Item 10.1 of the latest council agenda, contains this paragraph and its recommendation:

This report recommends moving forward on this a key element of the Strategy. It proposes a one-year 2.25 per cent variation above the announced rate cap of 2.75% for 2026–27, a total increase of 5 per cent in 2026–27 generating approximately $3 million additional rate revenue per year

The officer’s report goes on to claim that overall the community supports council’s ambition to increase rates and this is ‘evidenced’ by an enormous round of community consultation held over the past few years.

This approach reflects strong community input over the past two years. Through comprehensive engagement programs such as Our Priorities, Our Future (2023) and Our Place, Our Plan (2025), more than 3,200 participants took part in conversations about priorities, trade-offs and funding options. In the 2023 deliberative Community Priorities Panel, 73 per cent of members supported applying for a rate cap variation as part of a broader package of measures to strengthen Council’s financial sustainability.

Sounds great, doesn’t it? – 73% supporting a rate increase!!!!! A clear majority. However, when you go back to the actual Community Priorities Panel report, we can be forgiven for thinking that this is truly representative of the community. Please bear in mind that this committee consisted of up to 39 members only and therefore hardly constituting what could be considered as genuine community representation. Hardly surprising however that the report chooses to highlight this percentage and provides no other stats from the various surveys!!!!

Even when we investigate the results from the community survey on Our Priorities, Our Future, we find the following:

The community may be open to increasing fees and/or charges to maintain current service levels, with 52 per cent of the community responding in the ‘maybe’ range, but ‘no’ is the most common single response at 37 per cent.

Please note the phrasing of the question. Instead of calling a spade a spade, (ie rate increase) the terminology becomes ‘fees and/or charges’. This is entirely different to a rate increase and we have no idea whether participants simply saw this as raising child care fees, entry costs to swimming pools, etc instead of reading this as an increase to rates.
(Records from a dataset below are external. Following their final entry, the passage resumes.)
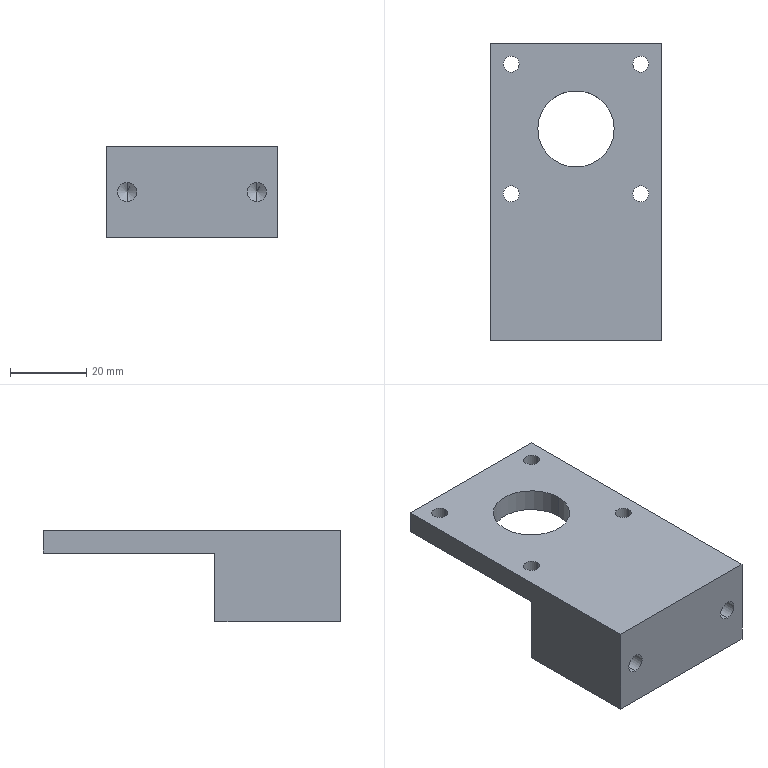Component | SolidWorks | PointedHeadDispensingCylinderSeat-2 | 1 solid | 26 faces | box 45 x 78 x 24 mm | volume 44885 mm3 | cylinder 14 | plane 8 | cone 4 | commonest cylinder face diameters 4.2 x8 5 x4 20 x2
build123d program:
from build123d import *

# Parameters (mm, degrees)
SKETCH1_W             = 45
SKETCH1_H             = 24
EXTRUDE1_DEPTH        = 33
SKETCH2_W             = 45
SKETCH2_H             = 18
EXTRUDE2_DEPTH        = 45
SKETCH3_W             = 45
SKETCH3_H             = 45
CUT_EXTRUDE1_DEPTH    = 12
M5_TAPPED_HOLE1_D     = 4.2
M5_TAPPED_HOLE1_DEPTH = 14
M5_TAPPED_HOLE1_TIP   = 1.262
SKETCH7_R             = 10
CUT_EXTRUDE2_DEPTH    = 92.831
M6_TAPPED_HOLE1_D     = 5
M6_TAPPED_HOLE1_DEPTH = 17
M6_TAPPED_HOLE1_TIP   = 1.502


with BuildPart() as part:
    # Sketch1 → Extrude1 (new body)
    with BuildSketch(Plane(origin=(0, 0, 0), x_dir=(1, 0, 0), z_dir=(0, 1, 0))):
        with Locations((22.5, -12)):
            Rectangle(SKETCH1_W, SKETCH1_H)
    extrude(amount=EXTRUDE1_DEPTH)

    # Sketch2 → Extrude2 (add)
    with BuildSketch(Plane(origin=(0, 33, 0), x_dir=(1, 0, 0), z_dir=(0, 1, 0))):
        with Locations((22.5, -9)):
            Rectangle(SKETCH2_W, SKETCH2_H)
    extrude(amount=EXTRUDE2_DEPTH)

    # Sketch3 → Cut-Extrude1 (cut)
    with BuildSketch(Plane.XY.offset(18)):
        with Locations((22.5, 55.5)):
            Rectangle(SKETCH3_W, SKETCH3_H)
    extrude(amount=-CUT_EXTRUDE1_DEPTH, mode=Mode.SUBTRACT)

    # M5 Tapped Hole1
    with Locations(Plane.XY.offset(6)):
        with Locations((5.5, 38.5), (39.5, 38.5), (39.5, 72.5), (5.5, 72.5)):
            Hole(M5_TAPPED_HOLE1_D / 2, depth=M5_TAPPED_HOLE1_DEPTH)
            with Locations((0, 0, -(M5_TAPPED_HOLE1_DEPTH + M5_TAPPED_HOLE1_TIP / 2))):  # 118° drill point
                Cone(0, M5_TAPPED_HOLE1_D / 2, M5_TAPPED_HOLE1_TIP, mode=Mode.SUBTRACT)

    # Sketch7 → Cut-Extrude2 (cut, through all)
    with BuildSketch(Plane.XY.offset(6)):
        with Locations((22.5, 55.5)):
            Circle(SKETCH7_R)
    extrude(amount=-CUT_EXTRUDE2_DEPTH, mode=Mode.SUBTRACT)

    # M6 Tapped Hole1
    with Locations(Plane.XZ):
        with Locations((5.5, 12), (39.5, 12)):
            Hole(M6_TAPPED_HOLE1_D / 2, depth=M6_TAPPED_HOLE1_DEPTH)
            with Locations((0, 0, -(M6_TAPPED_HOLE1_DEPTH + M6_TAPPED_HOLE1_TIP / 2))):  # 118° drill point
                Cone(0, M6_TAPPED_HOLE1_D / 2, M6_TAPPED_HOLE1_TIP, mode=Mode.SUBTRACT)


solid = part.part

# Placed as in the assembly
solid = solid.moved(Location((10.917, -9.628, -157.387), (-180, 0, 180)))
STEP:
#1=COLOUR_RGB('',0.7922,0.8196,0.9333);
#2=FILL_AREA_STYLE_COLOUR('',#1);
#3=FILL_AREA_STYLE('',(#2));
#4=SURFACE_STYLE_FILL_AREA(#3);
#5=SURFACE_SIDE_STYLE('',(#4));
#6=SURFACE_STYLE_USAGE(.BOTH.,#5);
#7=PRESENTATION_STYLE_ASSIGNMENT((#6));
#8=CARTESIAN_POINT('',(0.2133,0.3494,-6.669));
#9=VERTEX_POINT('',#8);
#10=CARTESIAN_POINT('',(0.2133,0.2903,-6.57));
#11=VERTEX_POINT('',#10);
#12=CARTESIAN_POINT('',(0.2133,0.2903,-6.57));
#13=DIRECTION('',(-0.,-0.515,0.8572));
#14=VECTOR('',#13,39.37);
#15=LINE('',#12,#14);
#16=EDGE_CURVE('',#9,#11,#15,.T.);
#17=ORIENTED_EDGE('',*,*,#16,.F.);
#18=CARTESIAN_POINT('',(0.2133,0.2903,-6.767));
#19=VERTEX_POINT('',#18);
#20=CARTESIAN_POINT('',(0.2133,0.2903,-6.767));
#21=DIRECTION('',(-0.,-0.515,-0.8572));
#22=VECTOR('',#21,39.37);
#23=LINE('',#20,#22);
#24=EDGE_CURVE('',#9,#19,#23,.T.);
#25=ORIENTED_EDGE('',*,*,#24,.T.);
#26=CARTESIAN_POINT('',(0.2133,0.2903,-6.669));
#27=DIRECTION('',(-0.,-1.,0.));
#28=DIRECTION('',(0.,0.,1.));
#29=AXIS2_PLACEMENT_3D('',#26,#27,#28);
#30=CIRCLE('',#29,0.09843);
#31=EDGE_CURVE('',#19,#11,#30,.T.);
#32=ORIENTED_EDGE('',*,*,#31,.T.);
#33=EDGE_LOOP('',(#17,#25,#32));
#34=FACE_OUTER_BOUND('',#33,.T.);
#35=CARTESIAN_POINT('',(0.2133,0.2903,-6.669));
#36=DIRECTION('',(-0.,-1.,0.));
#37=DIRECTION('',(0.,0.,1.));
#38=AXIS2_PLACEMENT_3D('',#35,#36,#37);
#39=CONICAL_SURFACE('',#38,0.09843,1.03);
#40=ADVANCED_FACE('',(#34),#39,.F.);
#41=ORIENTED_EDGE('',*,*,#31,.F.);
#42=CARTESIAN_POINT('',(0.2133,-0.379,-6.767));
#43=VERTEX_POINT('',#42);
#44=CARTESIAN_POINT('',(0.2133,-0.379,-6.767));
#45=DIRECTION('',(-0.,-1.,0.));
#46=VECTOR('',#45,39.37);
#47=LINE('',#44,#46);
#48=EDGE_CURVE('',#19,#43,#47,.T.);
#49=ORIENTED_EDGE('',*,*,#48,.T.);
#50=CARTESIAN_POINT('',(0.2133,-0.379,-6.57));
#51=VERTEX_POINT('',#50);
#52=CARTESIAN_POINT('',(0.2133,-0.379,-6.669));
#53=DIRECTION('',(-0.,-1.,0.));
#54=DIRECTION('',(0.,0.,1.));
#55=AXIS2_PLACEMENT_3D('',#52,#53,#54);
#56=CIRCLE('',#55,0.09843);
#57=EDGE_CURVE('',#43,#51,#56,.T.);
#58=ORIENTED_EDGE('',*,*,#57,.T.);
#59=CARTESIAN_POINT('',(0.2133,-0.379,-6.57));
#60=DIRECTION('',(-0.,-1.,0.));
#61=VECTOR('',#60,39.37);
#62=LINE('',#59,#61);
#63=EDGE_CURVE('',#11,#51,#62,.T.);
#64=ORIENTED_EDGE('',*,*,#63,.F.);
#65=EDGE_LOOP('',(#41,#49,#58,#64));
#66=FACE_OUTER_BOUND('',#65,.T.);
#67=CARTESIAN_POINT('',(0.2133,-0.379,-6.669));
#68=DIRECTION('',(-0.,-1.,0.));
#69=DIRECTION('',(0.,0.,1.));
#70=AXIS2_PLACEMENT_3D('',#67,#68,#69);
#71=CYLINDRICAL_SURFACE('',#70,0.09843);
#72=ADVANCED_FACE('',(#66),#71,.F.);
#73=CARTESIAN_POINT('',(-1.125,0.3494,-6.669));
#74=VERTEX_POINT('',#73);
#75=CARTESIAN_POINT('',(-1.125,0.2903,-6.57));
#76=VERTEX_POINT('',#75);
#77=CARTESIAN_POINT('',(-1.125,0.2903,-6.57));
#78=DIRECTION('',(-0.,-0.515,0.8572));
#79=VECTOR('',#78,39.37);
#80=LINE('',#77,#79);
#81=EDGE_CURVE('',#74,#76,#80,.T.);
#82=ORIENTED_EDGE('',*,*,#81,.F.);
#83=CARTESIAN_POINT('',(-1.125,0.2903,-6.767));
#84=VERTEX_POINT('',#83);
#85=CARTESIAN_POINT('',(-1.125,0.2903,-6.767));
#86=DIRECTION('',(-0.,-0.515,-0.8572));
#87=VECTOR('',#86,39.37);
#88=LINE('',#85,#87);
#89=EDGE_CURVE('',#74,#84,#88,.T.);
#90=ORIENTED_EDGE('',*,*,#89,.T.);
#91=CARTESIAN_POINT('',(-1.125,0.2903,-6.669));
#92=DIRECTION('',(-0.,-1.,0.));
#93=DIRECTION('',(0.,0.,1.));
#94=AXIS2_PLACEMENT_3D('',#91,#92,#93);
#95=CIRCLE('',#94,0.09843);
#96=EDGE_CURVE('',#84,#76,#95,.T.);
#97=ORIENTED_EDGE('',*,*,#96,.T.);
#98=EDGE_LOOP('',(#82,#90,#97));
#99=FACE_OUTER_BOUND('',#98,.T.);
#100=CARTESIAN_POINT('',(-1.125,0.2903,-6.669));
#101=DIRECTION('',(-0.,-1.,0.));
#102=DIRECTION('',(0.,0.,1.));
#103=AXIS2_PLACEMENT_3D('',#100,#101,#102);
#104=CONICAL_SURFACE('',#103,0.09843,1.03);
#105=ADVANCED_FACE('',(#99),#104,.F.);
#106=ORIENTED_EDGE('',*,*,#96,.F.);
#107=CARTESIAN_POINT('',(-1.125,-0.379,-6.767));
#108=VERTEX_POINT('',#107);
#109=CARTESIAN_POINT('',(-1.125,-0.379,-6.767));
#110=DIRECTION('',(-0.,-1.,0.));
#111=VECTOR('',#110,39.37);
#112=LINE('',#109,#111);
#113=EDGE_CURVE('',#84,#108,#112,.T.);
#114=ORIENTED_EDGE('',*,*,#113,.T.);
#115=CARTESIAN_POINT('',(-1.125,-0.379,-6.57));
#116=VERTEX_POINT('',#115);
#117=CARTESIAN_POINT('',(-1.125,-0.379,-6.669));
#118=DIRECTION('',(-0.,-1.,0.));
#119=DIRECTION('',(0.,0.,1.));
#120=AXIS2_PLACEMENT_3D('',#117,#118,#119);
#121=CIRCLE('',#120,0.09843);
#122=EDGE_CURVE('',#108,#116,#121,.T.);
#123=ORIENTED_EDGE('',*,*,#122,.T.);
#124=CARTESIAN_POINT('',(-1.125,-0.379,-6.57));
#125=DIRECTION('',(-0.,-1.,0.));
#126=VECTOR('',#125,39.37);
#127=LINE('',#124,#126);
#128=EDGE_CURVE('',#76,#116,#127,.T.);
#129=ORIENTED_EDGE('',*,*,#128,.F.);
#130=EDGE_LOOP('',(#106,#114,#123,#129));
#131=FACE_OUTER_BOUND('',#130,.T.);
#132=CARTESIAN_POINT('',(-1.125,-0.379,-6.669));
#133=DIRECTION('',(-0.,-1.,0.));
#134=DIRECTION('',(0.,0.,1.));
#135=AXIS2_PLACEMENT_3D('',#132,#133,#134);
#136=CYLINDRICAL_SURFACE('',#135,0.09843);
#137=ADVANCED_FACE('',(#131),#136,.F.);
#138=CARTESIAN_POINT('',(-0.06233,1.806,-6.196));
#139=VERTEX_POINT('',#138);
#140=CARTESIAN_POINT('',(-0.8497,1.806,-6.196));
#141=VERTEX_POINT('',#140);
#142=CARTESIAN_POINT('',(-0.456,1.806,-6.196));
#143=DIRECTION('',(0.,0.,-1.));
#144=DIRECTION('',(-1.,0.,0.));
#145=AXIS2_PLACEMENT_3D('',#142,#143,#144);
#146=CIRCLE('',#145,0.3937);
#147=EDGE_CURVE('',#139,#141,#146,.T.);
#148=ORIENTED_EDGE('',*,*,#147,.F.);
#149=CARTESIAN_POINT('',(-0.06233,1.806,-6.433));
#150=VERTEX_POINT('',#149);
#151=CARTESIAN_POINT('',(-0.06233,1.806,-6.196));
#152=DIRECTION('',(0.,0.,-1.));
#153=VECTOR('',#152,39.37);
#154=LINE('',#151,#153);
#155=EDGE_CURVE('',#139,#150,#154,.T.);
#156=ORIENTED_EDGE('',*,*,#155,.T.);
#157=CARTESIAN_POINT('',(-0.8497,1.806,-6.433));
#158=VERTEX_POINT('',#157);
#159=CARTESIAN_POINT('',(-0.456,1.806,-6.433));
#160=DIRECTION('',(0.,0.,-1.));
#161=DIRECTION('',(-1.,0.,0.));
#162=AXIS2_PLACEMENT_3D('',#159,#160,#161);
#163=CIRCLE('',#162,0.3937);
#164=EDGE_CURVE('',#150,#158,#163,.T.);
#165=ORIENTED_EDGE('',*,*,#164,.T.);
#166=CARTESIAN_POINT('',(-0.8497,1.806,-6.196));
#167=DIRECTION('',(0.,0.,-1.));
#168=VECTOR('',#167,39.37);
#169=LINE('',#166,#168);
#170=EDGE_CURVE('',#141,#158,#169,.T.);
#171=ORIENTED_EDGE('',*,*,#170,.F.);
#172=EDGE_LOOP('',(#148,#156,#165,#171));
#173=FACE_OUTER_BOUND('',#172,.T.);
#174=CARTESIAN_POINT('',(-0.456,1.806,-6.196));
#175=DIRECTION('',(0.,0.,-1.));
#176=DIRECTION('',(-1.,0.,0.));
#177=AXIS2_PLACEMENT_3D('',#174,#175,#176);
#178=CYLINDRICAL_SURFACE('',#177,0.3937);
#179=ADVANCED_FACE('',(#173),#178,.F.);
#180=CARTESIAN_POINT('',(0.2959,1.137,-6.196));
#181=VERTEX_POINT('',#180);
#182=CARTESIAN_POINT('',(0.1306,1.137,-6.196));
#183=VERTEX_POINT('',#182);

When the question was finally asked as to how council’s finances could be increased and the methodology council should employ to achieve this, only 10% (166 responses) were in favour of rate increases.

Even more disturbing is council’s continued refrain, that Glen Eira residents have ‘some of the lowest rates in Victoria’. When rates are calculated, please remember that this is done according to property/site value. Clearly many Bayside suburbs would have a greater site value than those in Glen Eira, and the same could be said for Stonnington. Therefore their overall rates would be higher in these municipalities. But what also needs to be taken into account is not just the final rate, but the INTEREST RATE per annum which is applied to all properties. For well over a decade preceding the state government’s rate capping introduction (2016/17) Glen Eira was the highest by far in comparison to our neighbouring municipalities. Here is a comparison we made in April 2015 –

CONCLUSION

We do not doubt that prices for everything have increased dramatically. Nor do we doubt that governments have cut back on grants and attempted to pass on more costs to councils. But does any of this really justify a 5% rate increase across the board – especially in these times and when this is backed up by some very spurious claims as to overall community support.  Could we for once get an officer’s report that is not misleading and fabricated to evince councillor support?

The bottom line of course is how well council has run our finances. Did we really need an $80M mini GESAC pool? Did we really need to embark on gigantic loans that will take another decade to pay off? Questions abound. At the core is the issue of whether or not this council is truly listening to residents.